Search for a product on a big e-commerce website such as Amazon, and you’ll often see many different results accompanied by a blizzard of information: paid product ads, badges and tags, ratings, reviews and more.
Most e-commerce websites offer tools – such as star ratings, written user reviews and information on how many products have been sold – to help consumers make informed decisions.
But is that information always accurate? And does it help buyers make the best decision – or might other motives influence the algorithms?
That’s the question Fei Long, a marketing professor at UNC Kenan-Flagler Business School, and her colleague Yunchan Liu of the University of Illinois Urbana-Champaign explore in “Platform Manipulation in Online Retail Marketplace with Sponsored Advertising” published in Marketing Science.

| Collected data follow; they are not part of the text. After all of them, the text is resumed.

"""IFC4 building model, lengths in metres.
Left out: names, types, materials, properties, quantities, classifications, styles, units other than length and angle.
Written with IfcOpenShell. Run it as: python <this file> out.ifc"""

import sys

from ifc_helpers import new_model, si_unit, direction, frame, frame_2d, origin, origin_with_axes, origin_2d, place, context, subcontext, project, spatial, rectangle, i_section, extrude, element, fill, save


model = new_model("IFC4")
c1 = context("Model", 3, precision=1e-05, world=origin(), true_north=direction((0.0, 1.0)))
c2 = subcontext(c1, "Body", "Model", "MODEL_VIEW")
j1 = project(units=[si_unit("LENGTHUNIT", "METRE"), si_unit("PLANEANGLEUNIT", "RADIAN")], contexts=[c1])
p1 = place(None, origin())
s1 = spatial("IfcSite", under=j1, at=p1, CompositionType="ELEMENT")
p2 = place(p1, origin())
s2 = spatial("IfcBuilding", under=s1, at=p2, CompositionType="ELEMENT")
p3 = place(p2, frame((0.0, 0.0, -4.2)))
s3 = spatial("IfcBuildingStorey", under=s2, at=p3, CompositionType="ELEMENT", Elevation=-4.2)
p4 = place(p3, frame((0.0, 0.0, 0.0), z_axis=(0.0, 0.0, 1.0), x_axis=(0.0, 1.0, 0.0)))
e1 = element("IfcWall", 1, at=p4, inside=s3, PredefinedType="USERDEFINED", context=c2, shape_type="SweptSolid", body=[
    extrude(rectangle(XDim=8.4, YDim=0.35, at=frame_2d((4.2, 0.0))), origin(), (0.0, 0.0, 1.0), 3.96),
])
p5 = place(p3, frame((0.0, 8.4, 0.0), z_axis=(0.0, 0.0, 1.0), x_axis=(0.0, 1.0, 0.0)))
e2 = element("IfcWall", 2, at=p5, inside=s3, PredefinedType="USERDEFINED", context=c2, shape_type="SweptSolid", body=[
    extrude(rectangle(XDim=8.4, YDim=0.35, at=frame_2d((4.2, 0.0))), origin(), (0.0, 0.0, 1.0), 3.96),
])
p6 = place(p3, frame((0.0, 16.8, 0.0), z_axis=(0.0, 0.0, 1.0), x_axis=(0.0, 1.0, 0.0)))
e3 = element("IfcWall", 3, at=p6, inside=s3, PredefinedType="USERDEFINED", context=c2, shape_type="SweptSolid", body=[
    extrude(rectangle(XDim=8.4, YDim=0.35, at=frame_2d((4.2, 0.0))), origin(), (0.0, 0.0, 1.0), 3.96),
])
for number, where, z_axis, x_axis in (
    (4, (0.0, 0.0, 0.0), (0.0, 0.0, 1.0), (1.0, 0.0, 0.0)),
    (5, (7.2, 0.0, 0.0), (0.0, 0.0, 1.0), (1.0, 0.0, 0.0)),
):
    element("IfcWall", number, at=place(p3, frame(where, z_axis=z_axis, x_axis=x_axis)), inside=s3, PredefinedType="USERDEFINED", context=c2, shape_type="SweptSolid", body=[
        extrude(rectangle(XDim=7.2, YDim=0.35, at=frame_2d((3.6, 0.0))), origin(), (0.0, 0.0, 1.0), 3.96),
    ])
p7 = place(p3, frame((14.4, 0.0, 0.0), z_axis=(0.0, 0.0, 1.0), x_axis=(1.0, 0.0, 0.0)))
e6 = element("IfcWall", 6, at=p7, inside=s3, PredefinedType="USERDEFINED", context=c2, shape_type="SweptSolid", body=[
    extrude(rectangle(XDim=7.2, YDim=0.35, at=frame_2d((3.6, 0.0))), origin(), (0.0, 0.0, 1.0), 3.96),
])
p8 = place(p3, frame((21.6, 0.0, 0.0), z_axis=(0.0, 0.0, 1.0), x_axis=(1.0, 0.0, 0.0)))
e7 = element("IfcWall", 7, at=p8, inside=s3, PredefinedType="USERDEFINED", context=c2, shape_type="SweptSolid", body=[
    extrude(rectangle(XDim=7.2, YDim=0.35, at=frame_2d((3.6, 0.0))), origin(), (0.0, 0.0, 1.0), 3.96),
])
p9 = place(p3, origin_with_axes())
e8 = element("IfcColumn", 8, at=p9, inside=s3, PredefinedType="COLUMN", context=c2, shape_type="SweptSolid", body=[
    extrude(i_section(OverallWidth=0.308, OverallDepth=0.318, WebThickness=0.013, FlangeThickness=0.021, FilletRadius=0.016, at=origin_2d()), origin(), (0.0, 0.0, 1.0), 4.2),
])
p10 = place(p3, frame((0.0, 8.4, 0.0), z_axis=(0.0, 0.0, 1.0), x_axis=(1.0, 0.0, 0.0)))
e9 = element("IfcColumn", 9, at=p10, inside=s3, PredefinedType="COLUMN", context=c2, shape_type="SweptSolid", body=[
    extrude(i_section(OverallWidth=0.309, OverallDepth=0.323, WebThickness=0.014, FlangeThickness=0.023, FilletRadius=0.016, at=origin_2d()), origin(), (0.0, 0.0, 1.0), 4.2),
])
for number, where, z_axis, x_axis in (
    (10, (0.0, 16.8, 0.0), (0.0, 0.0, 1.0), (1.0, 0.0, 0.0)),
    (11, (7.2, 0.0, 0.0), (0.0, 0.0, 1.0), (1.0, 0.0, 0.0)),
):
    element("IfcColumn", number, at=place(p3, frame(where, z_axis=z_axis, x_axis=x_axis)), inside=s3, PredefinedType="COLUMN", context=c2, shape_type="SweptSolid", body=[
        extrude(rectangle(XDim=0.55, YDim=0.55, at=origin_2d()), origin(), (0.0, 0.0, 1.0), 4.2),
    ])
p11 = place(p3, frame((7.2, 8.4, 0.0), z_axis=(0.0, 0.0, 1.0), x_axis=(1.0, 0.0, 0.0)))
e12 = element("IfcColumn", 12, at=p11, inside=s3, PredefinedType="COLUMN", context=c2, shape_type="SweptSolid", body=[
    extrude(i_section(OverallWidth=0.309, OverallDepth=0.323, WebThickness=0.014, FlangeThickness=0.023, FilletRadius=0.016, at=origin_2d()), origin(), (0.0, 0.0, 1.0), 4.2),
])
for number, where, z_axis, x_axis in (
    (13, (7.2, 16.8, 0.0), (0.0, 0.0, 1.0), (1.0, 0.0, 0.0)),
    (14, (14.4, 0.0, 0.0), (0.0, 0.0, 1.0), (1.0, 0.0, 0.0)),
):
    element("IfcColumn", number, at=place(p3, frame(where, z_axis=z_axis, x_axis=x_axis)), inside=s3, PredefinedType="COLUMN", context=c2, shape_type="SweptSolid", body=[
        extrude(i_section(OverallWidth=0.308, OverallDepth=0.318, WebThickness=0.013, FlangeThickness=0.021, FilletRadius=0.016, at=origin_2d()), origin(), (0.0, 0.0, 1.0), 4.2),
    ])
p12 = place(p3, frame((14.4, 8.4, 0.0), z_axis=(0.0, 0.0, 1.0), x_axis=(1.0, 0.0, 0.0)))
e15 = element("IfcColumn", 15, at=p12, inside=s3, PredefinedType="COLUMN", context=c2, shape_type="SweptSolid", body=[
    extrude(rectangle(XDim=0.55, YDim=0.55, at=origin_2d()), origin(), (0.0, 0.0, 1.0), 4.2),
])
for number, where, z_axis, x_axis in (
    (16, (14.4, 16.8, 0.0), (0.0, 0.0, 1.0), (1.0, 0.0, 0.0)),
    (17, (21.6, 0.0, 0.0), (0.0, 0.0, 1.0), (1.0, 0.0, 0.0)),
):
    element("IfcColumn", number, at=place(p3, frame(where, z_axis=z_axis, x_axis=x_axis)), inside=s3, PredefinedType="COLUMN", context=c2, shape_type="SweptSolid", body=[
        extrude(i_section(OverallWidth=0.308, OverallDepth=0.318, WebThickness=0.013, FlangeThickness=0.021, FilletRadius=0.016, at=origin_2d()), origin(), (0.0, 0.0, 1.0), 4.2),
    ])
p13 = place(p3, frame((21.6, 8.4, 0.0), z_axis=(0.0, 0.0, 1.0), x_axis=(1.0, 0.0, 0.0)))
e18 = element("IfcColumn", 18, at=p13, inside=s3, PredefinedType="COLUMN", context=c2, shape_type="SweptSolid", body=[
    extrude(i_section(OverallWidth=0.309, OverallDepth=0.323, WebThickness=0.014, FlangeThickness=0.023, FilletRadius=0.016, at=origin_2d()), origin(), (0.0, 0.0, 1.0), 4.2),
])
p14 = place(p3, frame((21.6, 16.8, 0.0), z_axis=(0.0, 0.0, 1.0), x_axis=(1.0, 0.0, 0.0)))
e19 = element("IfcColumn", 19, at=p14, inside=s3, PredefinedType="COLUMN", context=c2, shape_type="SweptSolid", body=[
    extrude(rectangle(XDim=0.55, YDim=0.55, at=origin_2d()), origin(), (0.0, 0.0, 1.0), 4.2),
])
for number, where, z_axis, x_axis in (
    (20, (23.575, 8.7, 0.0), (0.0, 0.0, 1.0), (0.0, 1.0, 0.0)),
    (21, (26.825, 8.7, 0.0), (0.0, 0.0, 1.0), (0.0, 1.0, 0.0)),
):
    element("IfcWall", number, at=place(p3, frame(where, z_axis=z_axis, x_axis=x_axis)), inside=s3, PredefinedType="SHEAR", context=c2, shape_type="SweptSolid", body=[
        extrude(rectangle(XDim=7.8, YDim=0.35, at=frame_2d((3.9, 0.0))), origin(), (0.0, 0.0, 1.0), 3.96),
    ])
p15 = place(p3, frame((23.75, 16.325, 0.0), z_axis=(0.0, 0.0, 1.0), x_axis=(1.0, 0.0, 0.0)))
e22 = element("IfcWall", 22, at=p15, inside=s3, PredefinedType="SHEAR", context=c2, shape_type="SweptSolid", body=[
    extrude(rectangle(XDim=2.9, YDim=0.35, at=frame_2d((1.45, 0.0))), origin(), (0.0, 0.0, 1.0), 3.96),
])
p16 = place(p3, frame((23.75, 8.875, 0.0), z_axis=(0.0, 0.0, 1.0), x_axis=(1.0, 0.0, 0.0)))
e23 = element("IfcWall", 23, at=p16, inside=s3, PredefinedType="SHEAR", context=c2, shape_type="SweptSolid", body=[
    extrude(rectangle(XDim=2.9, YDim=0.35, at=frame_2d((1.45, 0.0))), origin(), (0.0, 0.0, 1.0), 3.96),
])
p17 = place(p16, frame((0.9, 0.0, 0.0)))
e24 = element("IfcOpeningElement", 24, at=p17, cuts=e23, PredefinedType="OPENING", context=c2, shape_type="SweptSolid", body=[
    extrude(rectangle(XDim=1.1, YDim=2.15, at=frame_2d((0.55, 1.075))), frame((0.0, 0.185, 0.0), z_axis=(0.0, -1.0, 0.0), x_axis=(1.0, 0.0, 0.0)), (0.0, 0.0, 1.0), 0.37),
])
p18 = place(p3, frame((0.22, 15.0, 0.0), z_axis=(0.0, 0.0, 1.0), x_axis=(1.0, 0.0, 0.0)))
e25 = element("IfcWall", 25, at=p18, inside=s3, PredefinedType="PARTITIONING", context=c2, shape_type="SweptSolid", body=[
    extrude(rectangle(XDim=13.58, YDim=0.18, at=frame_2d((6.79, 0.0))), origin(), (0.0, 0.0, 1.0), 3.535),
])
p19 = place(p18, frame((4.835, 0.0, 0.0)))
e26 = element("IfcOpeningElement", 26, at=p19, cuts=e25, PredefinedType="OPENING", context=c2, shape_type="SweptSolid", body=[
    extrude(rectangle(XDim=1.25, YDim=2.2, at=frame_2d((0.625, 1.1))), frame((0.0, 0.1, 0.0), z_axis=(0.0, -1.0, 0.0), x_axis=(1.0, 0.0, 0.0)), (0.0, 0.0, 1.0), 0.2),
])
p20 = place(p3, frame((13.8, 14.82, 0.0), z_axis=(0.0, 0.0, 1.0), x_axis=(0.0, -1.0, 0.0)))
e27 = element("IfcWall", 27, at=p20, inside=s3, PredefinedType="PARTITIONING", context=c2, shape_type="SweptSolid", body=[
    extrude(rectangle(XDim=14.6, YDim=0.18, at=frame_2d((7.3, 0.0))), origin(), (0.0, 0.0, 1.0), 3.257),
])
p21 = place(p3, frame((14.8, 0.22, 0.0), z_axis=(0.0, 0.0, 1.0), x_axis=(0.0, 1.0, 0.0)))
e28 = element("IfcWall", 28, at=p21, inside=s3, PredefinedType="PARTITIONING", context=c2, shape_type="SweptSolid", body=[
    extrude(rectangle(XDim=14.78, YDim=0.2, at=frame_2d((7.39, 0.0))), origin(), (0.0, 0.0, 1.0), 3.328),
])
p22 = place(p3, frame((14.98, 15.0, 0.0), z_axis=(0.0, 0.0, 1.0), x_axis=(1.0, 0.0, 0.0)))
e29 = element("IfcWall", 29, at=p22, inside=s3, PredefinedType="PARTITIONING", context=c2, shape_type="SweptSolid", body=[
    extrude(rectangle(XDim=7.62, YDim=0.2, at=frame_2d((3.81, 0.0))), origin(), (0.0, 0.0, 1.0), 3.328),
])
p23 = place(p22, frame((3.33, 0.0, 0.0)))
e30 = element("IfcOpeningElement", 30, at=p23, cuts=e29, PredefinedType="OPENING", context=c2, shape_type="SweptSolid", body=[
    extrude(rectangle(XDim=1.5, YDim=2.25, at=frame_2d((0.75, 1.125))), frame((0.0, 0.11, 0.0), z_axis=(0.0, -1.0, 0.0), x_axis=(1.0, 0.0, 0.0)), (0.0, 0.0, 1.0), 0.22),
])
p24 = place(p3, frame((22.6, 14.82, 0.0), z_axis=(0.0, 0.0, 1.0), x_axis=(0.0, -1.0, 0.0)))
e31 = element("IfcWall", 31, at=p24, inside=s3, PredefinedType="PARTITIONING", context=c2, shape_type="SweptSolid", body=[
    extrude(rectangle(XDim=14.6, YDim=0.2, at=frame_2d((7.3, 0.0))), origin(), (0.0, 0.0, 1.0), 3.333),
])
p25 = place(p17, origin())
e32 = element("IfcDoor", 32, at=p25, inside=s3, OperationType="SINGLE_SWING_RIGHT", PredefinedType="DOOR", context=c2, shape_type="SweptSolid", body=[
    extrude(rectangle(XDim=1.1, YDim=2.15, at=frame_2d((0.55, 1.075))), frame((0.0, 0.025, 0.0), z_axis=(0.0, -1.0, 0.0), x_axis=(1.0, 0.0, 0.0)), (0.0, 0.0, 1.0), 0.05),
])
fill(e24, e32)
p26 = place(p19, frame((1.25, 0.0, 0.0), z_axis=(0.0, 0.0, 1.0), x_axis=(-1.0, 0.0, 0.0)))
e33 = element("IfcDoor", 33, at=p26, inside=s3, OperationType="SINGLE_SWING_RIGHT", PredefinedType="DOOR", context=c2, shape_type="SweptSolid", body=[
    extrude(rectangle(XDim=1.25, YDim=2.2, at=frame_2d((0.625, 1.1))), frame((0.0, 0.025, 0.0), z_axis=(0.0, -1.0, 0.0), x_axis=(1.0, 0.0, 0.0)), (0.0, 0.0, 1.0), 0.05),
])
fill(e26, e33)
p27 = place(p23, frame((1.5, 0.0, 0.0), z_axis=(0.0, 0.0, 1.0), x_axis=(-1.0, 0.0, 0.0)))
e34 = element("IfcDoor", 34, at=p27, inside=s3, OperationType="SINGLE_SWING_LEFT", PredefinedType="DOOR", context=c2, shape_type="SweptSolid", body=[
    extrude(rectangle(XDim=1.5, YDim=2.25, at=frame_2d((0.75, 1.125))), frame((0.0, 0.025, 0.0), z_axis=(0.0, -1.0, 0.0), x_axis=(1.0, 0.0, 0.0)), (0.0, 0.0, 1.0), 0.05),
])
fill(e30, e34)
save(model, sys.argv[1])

Large e-commerce sites, such as Amazon, eBay and Alibaba, no longer make money solely by selling products. Sales of advertising on their own platforms have become major sources of profit.
In 2022, for example, Amazon brought in $38 billion in ad revenue – an income stream that analysts say is likely more profitable than selling products or some of its other businesses. Ads are typically bought by sellers through an online bidding process where the top bidder is able to, in effect, purchase more visibility.
With multiple revenue streams coming from online sales, Long wondered how that might influence the behavior of these e-commerce platforms. Would they still be incentivized to show consumers the “best” deals or would they have reason to adjust listings based on whether they were maximizing ad revenue or product sale commissions?
So, Long and Liu created a model that simulated how big online retailers might change their websites to maximize profit – even if it came at the expense of transparency with consumers.
Among the questions they explored:
To work through these questions, Long and Liu developed a model of consumer behavior. Then they applied that model to a variety of scenarios to determine how e-commerce platforms might act to maximize their own profits.
To construct the model, the researchers posited there are two types of consumers: explorers and nonexplorers.
Explorers take the time to examine multiple products listed in search results, and they prioritize more attractive products, such as those with higher ratings, greater past sales or badges like Amazon’s Choice.
Nonexplorers only examine top search results, and for those consumers, product visibility is key – the top organic search result and the top advertised product, for example. Research about how people behave on e-commerce sites indicates that many consumers search very few or just one product, suggesting nonexplorers are common.
Given these circumstances, it becomes possible to model how e-commerce platforms could maximize revenue by making products more or less visible and attractive to potential consumers.
Long and Liu looked at what would happen when a consumer got search results with two potential competing products: The best option and another option. They used a variable called “match,” which roughly equates to the average popularity for each product. A higher match means, essentially, the two products are more competitive in terms of desirability.
When it is a low-competition market – one is quite popular and the other has very low popularity (low match) – the e-commerce platform has an incentive to boost the low-match competitor (such as tolerating its fake sales and fake reviews or granting to make the product more attractive).
That’s because if the product appears to match better, and hence becomes more competitive, the lesser product will be incented to spend more on advertising, bidding up ad costs and creating more revenue for the platform.
On the other hand, when it is a high-competition market – the two products both match well and are already close – the e-commerce platform is incented to boost the stronger product to create more distance between the two, such as boosting the seller’s visibility in organic results, in addition to making it more attractive. This occurs because two well-matched products might compete on price, lowering the e-commerce platform’s commission on sales.
When product match between two products is between those extremes, however, the e-commerce platform has little incentive to boost one or the other.
Sellers on e-commerce platforms should also consider how tactics they use to increase their attractiveness, such as buying fake reviews or fake sales, might stimulate changes in the e-commerce platform’s algorithms, either helping or hurting visibility and, consequently, sales.
Certain types of deceptive actions by sellers, such as buying fake reviews, have been illegal for years. But the large and diverse e-commerce landscape makes it difficult for regulators to police all sellers.
Long says her research suggests that policymakers might be more effective by focusing on e-commerce platform behavior. This could include how the platforms fail to police fake reviews and fake sales, as well as how their algorithms influence buying decisions.
For consumers and sellers, the research is a reminder that online marketplaces no matter how much we rely on them – are not neutral arbiters of value.